Monthly Archives: November 2014

Trademark Row over “Khadi”

As per recent news in The Times of India the  Indian government is bracing itself for a trademark battle against German Company’s “Khadi Naturprodukte” over the handspun fabric that was made a centre piece of India’s freedom struggle by Mahatma Gandhi.   The government has made objections to the use of Khadi as a trademark for selling a range of Indian-origin products, including shampoos, soaps and oils in the European markets and which can be purchased online too.

            Traditionally Khadi is known as handspun and hand woven cloth.  During the period of freedom struggle Mahatma Gandhi started Swadeshi Movement. Khadi was spun from indigenous cotton for making clothes, which were known as khaddar or khadi. Khadi not only gave clothes to the poor masses but also gave them self reliance and ideology for life. Britishers suffered heavy losses when Indians started using Khadi instead of imported expensive clothes and thus khadi made significant contribution in Indian freedom struggle.

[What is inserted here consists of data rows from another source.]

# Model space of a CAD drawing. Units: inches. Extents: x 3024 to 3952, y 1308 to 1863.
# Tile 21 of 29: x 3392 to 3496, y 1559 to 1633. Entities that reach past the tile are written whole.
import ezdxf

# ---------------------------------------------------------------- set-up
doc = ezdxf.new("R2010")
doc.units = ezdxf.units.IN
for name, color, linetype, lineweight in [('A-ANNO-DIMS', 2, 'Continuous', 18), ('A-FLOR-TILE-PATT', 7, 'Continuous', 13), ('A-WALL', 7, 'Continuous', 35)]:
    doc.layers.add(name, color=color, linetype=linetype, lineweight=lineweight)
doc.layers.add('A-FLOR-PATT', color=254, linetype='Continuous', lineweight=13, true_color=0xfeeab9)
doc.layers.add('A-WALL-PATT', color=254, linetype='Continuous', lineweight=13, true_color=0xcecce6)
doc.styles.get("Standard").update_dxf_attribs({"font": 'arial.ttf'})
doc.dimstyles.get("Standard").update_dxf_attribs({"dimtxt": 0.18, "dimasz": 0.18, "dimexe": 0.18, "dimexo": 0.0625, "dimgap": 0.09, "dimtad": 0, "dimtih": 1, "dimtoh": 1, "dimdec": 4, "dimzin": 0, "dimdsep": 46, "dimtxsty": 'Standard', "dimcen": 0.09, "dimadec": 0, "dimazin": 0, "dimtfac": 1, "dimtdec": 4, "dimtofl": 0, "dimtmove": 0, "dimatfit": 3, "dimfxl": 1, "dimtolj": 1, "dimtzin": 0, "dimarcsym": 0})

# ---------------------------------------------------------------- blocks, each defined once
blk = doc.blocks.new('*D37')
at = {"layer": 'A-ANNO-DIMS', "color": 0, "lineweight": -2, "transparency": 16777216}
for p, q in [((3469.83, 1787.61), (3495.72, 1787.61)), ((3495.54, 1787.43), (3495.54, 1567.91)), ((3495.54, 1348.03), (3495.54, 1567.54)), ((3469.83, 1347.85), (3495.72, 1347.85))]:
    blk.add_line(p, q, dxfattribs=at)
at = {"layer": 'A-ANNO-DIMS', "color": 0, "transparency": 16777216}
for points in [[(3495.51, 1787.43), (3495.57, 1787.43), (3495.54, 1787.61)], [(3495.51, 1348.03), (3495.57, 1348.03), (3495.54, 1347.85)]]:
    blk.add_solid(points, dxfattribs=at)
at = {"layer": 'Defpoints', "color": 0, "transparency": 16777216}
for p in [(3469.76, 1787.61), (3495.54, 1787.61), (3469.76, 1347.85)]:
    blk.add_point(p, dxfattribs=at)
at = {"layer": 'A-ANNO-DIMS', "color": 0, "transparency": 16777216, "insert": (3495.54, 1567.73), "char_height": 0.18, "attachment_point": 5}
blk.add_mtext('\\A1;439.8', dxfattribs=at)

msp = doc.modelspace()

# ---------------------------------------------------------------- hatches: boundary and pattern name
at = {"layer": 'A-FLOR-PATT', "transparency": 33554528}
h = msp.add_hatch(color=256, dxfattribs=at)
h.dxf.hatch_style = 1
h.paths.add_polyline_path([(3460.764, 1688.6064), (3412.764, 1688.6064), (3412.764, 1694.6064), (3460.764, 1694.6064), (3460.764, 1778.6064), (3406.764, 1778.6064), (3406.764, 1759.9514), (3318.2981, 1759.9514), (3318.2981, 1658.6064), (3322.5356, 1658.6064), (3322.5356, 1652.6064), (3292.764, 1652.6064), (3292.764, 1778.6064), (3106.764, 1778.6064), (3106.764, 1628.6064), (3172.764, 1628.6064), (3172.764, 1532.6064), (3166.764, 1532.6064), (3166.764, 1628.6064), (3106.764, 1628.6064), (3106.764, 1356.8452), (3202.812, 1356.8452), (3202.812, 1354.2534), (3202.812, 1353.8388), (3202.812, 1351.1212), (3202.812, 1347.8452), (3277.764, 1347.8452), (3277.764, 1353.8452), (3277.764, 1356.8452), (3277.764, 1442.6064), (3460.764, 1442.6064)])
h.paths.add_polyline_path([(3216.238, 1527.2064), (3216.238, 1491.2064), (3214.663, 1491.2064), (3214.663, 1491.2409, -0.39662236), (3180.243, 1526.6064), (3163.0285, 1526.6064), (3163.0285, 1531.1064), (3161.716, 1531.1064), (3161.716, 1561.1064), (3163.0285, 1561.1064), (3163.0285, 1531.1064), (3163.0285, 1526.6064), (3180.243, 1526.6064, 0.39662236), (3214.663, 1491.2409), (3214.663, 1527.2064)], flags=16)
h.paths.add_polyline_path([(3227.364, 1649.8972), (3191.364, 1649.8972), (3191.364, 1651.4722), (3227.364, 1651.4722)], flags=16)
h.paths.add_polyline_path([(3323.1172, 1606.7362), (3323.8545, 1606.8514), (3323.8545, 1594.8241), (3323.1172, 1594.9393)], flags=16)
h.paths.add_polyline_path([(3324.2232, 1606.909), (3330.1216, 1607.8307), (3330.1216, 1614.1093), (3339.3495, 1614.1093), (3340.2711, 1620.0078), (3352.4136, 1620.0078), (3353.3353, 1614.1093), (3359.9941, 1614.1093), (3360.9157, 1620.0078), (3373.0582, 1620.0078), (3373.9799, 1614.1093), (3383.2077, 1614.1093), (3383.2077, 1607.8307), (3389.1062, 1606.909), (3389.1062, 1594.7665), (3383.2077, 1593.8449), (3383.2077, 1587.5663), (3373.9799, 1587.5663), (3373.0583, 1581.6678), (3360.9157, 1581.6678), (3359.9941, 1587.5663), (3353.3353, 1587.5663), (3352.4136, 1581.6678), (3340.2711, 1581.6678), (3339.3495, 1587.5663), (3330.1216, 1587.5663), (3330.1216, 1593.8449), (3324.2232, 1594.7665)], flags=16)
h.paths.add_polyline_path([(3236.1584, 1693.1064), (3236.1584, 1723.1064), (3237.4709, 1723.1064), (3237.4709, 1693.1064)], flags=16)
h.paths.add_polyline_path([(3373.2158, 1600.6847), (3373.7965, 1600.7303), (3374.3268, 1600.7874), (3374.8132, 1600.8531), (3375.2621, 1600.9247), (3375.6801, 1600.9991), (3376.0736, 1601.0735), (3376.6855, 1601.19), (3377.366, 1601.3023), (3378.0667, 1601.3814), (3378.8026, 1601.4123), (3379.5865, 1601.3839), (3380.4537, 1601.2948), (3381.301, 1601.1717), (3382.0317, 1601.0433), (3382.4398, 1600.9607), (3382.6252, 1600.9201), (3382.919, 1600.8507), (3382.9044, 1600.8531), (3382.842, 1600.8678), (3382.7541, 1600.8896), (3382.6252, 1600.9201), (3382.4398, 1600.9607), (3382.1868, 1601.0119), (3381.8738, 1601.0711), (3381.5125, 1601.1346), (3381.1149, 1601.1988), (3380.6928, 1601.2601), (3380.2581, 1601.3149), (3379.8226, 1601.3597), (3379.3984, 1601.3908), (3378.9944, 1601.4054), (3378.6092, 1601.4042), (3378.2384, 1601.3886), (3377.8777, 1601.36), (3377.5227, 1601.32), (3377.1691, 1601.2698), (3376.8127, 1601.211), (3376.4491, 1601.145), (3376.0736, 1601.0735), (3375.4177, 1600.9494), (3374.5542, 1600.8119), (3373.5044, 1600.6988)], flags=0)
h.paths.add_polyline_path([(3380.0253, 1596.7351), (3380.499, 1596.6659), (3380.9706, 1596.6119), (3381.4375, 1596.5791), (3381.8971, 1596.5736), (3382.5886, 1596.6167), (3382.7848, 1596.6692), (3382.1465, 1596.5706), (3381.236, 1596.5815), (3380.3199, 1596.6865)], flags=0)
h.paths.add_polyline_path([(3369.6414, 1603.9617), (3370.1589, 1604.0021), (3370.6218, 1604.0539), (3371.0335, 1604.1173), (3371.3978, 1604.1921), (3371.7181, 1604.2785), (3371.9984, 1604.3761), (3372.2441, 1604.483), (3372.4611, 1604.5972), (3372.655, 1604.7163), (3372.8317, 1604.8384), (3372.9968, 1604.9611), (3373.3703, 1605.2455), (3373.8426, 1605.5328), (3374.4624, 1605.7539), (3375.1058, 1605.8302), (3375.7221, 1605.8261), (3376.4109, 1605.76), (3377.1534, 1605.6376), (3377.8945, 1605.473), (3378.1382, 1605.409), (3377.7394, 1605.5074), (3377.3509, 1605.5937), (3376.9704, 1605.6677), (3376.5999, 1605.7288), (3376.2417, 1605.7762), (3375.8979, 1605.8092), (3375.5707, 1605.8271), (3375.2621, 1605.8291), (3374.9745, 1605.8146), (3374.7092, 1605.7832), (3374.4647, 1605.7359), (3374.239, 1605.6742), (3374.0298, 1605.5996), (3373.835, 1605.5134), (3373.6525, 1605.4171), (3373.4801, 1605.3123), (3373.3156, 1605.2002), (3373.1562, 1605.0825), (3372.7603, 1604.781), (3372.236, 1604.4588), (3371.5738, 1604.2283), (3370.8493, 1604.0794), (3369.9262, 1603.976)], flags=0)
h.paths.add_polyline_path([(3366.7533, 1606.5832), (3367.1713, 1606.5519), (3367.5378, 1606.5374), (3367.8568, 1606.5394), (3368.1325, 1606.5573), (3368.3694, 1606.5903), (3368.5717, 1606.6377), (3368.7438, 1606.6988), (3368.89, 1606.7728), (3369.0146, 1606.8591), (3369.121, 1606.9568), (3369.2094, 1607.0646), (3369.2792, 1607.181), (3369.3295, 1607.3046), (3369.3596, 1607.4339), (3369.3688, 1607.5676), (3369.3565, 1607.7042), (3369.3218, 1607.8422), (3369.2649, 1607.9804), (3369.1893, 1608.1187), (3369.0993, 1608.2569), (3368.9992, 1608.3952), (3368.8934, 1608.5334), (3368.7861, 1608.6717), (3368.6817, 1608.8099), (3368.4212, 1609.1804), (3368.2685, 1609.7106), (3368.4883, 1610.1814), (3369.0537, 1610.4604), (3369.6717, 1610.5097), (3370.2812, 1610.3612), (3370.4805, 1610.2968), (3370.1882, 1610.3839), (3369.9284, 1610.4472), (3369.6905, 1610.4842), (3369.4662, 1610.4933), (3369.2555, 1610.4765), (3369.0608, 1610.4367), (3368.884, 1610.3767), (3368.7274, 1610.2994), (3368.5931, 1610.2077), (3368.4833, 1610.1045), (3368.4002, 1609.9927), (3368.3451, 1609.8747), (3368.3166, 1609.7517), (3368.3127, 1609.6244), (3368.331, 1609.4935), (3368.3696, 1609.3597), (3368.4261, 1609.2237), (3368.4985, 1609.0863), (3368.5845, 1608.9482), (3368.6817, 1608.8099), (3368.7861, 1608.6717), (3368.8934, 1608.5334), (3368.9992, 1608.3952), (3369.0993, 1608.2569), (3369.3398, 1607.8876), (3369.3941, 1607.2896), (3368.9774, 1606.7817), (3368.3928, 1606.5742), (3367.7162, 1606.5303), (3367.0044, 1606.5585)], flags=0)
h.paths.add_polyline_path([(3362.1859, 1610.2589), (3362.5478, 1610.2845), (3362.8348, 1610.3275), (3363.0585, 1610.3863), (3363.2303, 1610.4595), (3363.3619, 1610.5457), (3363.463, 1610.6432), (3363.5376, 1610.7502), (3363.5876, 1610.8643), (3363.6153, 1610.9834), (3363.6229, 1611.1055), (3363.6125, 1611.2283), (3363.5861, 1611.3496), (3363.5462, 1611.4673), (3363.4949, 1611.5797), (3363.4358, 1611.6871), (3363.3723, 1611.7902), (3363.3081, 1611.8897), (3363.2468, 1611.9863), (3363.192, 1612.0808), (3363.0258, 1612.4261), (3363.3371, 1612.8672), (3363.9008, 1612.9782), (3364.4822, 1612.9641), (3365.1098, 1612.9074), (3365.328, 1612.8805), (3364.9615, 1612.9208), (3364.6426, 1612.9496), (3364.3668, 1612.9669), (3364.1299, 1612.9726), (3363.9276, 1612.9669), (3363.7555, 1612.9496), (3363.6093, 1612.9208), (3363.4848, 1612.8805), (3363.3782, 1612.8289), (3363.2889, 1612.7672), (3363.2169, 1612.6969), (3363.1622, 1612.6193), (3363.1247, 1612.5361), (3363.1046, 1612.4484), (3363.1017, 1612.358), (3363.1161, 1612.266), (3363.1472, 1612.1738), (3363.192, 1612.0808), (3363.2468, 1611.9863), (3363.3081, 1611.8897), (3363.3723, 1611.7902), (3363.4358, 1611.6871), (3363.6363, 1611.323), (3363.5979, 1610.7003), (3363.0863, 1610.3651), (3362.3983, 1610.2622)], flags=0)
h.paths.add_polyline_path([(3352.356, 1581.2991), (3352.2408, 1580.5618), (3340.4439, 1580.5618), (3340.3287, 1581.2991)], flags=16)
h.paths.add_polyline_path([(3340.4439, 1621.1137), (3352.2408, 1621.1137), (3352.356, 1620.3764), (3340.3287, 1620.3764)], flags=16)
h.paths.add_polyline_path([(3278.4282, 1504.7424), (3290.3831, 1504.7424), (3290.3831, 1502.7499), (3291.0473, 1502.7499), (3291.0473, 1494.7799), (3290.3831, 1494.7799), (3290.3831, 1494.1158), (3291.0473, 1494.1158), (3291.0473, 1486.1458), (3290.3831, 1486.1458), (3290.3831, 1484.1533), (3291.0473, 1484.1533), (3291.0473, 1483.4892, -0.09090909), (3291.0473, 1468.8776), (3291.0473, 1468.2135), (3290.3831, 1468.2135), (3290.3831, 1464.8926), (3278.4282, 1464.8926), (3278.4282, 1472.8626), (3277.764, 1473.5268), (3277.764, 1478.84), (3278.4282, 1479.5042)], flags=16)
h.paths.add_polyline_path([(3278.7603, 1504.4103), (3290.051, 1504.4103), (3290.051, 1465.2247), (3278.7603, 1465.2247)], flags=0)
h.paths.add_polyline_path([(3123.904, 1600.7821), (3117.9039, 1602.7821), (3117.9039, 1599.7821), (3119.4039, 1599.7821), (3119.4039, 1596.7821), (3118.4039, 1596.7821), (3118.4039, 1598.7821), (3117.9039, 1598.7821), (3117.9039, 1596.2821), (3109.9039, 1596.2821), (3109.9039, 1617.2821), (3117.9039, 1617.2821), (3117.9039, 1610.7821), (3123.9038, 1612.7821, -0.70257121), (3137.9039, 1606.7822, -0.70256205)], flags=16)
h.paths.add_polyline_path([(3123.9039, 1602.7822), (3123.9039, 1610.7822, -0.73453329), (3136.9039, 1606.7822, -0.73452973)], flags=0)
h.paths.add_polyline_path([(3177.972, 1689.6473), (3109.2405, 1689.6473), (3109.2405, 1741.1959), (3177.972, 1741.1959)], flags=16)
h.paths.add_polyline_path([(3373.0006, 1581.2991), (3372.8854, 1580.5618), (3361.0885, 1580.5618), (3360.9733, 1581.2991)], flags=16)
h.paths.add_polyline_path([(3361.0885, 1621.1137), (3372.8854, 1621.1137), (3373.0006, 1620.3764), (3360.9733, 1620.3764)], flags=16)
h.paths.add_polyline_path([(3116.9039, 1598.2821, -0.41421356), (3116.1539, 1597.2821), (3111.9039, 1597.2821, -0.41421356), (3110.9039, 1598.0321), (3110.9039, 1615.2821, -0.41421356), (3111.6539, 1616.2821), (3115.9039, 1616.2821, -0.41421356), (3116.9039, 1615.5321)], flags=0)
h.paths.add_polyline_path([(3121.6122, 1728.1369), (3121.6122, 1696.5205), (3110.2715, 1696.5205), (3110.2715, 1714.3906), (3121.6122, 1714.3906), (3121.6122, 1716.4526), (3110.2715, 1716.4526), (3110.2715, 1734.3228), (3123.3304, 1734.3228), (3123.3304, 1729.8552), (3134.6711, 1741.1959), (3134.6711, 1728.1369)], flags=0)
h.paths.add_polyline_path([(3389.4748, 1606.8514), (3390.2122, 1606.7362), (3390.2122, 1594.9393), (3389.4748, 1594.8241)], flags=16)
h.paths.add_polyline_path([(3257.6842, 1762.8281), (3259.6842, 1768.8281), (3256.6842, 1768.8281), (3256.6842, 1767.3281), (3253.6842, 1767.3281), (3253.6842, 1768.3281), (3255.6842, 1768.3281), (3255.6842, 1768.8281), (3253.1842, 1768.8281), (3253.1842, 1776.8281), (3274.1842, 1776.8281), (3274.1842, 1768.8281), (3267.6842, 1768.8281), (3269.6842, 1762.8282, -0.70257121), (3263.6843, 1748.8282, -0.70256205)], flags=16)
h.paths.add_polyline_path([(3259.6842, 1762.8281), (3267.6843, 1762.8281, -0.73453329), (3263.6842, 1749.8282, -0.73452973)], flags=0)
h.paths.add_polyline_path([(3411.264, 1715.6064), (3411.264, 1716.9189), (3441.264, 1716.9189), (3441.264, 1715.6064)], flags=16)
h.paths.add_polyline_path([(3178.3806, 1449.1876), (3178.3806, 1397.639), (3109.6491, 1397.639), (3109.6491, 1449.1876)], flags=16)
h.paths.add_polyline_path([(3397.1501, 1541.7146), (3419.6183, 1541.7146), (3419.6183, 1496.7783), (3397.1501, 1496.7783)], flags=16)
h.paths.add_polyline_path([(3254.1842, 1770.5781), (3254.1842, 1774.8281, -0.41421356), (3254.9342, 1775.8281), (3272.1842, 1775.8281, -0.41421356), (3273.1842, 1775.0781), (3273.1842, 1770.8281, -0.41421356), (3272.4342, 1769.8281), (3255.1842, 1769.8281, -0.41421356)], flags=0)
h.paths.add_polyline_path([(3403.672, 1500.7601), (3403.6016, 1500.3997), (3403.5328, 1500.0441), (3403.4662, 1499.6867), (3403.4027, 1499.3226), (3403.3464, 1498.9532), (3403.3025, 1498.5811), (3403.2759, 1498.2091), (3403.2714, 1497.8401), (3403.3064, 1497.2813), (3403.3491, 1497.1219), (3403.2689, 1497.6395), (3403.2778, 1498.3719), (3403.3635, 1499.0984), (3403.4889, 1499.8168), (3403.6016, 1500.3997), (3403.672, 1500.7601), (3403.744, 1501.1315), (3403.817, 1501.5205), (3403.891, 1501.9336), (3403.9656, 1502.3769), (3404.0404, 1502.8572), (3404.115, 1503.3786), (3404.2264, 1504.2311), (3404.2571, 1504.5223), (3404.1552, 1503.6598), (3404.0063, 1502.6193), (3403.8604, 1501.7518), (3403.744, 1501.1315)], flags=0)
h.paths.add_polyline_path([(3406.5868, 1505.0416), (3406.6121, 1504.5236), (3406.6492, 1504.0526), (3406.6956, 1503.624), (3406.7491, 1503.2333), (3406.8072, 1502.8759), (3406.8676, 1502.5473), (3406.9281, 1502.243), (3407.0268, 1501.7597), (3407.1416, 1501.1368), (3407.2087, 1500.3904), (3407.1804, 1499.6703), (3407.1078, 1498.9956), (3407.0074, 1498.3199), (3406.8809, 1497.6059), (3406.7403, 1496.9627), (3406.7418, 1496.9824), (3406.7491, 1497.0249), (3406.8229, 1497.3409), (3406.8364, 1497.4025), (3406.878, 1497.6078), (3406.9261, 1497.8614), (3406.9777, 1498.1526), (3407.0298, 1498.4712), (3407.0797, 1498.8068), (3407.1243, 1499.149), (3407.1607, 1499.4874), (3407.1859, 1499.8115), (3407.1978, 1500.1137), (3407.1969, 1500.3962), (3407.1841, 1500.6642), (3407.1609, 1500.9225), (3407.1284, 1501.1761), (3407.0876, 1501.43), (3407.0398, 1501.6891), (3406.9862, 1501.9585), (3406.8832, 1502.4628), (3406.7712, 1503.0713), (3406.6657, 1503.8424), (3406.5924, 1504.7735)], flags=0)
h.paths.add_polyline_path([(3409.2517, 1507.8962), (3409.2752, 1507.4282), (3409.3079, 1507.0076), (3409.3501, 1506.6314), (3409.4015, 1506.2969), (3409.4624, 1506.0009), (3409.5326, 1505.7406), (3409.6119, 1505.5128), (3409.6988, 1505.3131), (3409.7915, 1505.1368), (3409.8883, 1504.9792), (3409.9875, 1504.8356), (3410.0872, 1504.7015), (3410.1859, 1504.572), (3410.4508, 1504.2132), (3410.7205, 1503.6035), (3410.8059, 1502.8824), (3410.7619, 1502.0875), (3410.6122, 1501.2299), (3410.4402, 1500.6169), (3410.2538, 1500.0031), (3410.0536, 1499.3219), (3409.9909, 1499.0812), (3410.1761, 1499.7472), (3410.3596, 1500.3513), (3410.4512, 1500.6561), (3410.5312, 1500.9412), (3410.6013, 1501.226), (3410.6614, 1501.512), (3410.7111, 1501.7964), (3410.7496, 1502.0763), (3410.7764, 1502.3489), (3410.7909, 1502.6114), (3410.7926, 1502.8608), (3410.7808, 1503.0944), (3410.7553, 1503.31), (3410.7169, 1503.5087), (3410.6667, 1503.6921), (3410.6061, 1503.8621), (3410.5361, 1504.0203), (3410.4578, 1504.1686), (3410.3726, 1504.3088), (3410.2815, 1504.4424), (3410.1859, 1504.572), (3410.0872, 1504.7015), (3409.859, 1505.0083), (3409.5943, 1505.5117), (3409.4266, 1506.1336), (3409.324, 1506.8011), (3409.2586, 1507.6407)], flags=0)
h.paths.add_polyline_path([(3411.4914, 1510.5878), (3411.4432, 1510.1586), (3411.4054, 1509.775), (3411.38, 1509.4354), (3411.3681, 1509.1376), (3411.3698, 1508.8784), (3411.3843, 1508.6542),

Undoubtedly Khadi is traditionally Indian and is more than just cloth.

            The Government’s attempt to promote Khadi is facing some trademark hurdles as this brand is registered abroad, in countries such as Germany, Spain and Hungary. It looks similar to the case of Haldi, Basmati rice and Neem where traditional Indian intellectual properties have been registered in the west. Khadi is the latest instance of infringement of intellectual property rights.

The German firm says on its website that “Khadi” is a unique brand for the European market and only exclusively available with us.” Products listed on its website include shampoos, soaps and oils which overlap with what KVIC sells under a similar brand, but the current list doesn’t include fabric.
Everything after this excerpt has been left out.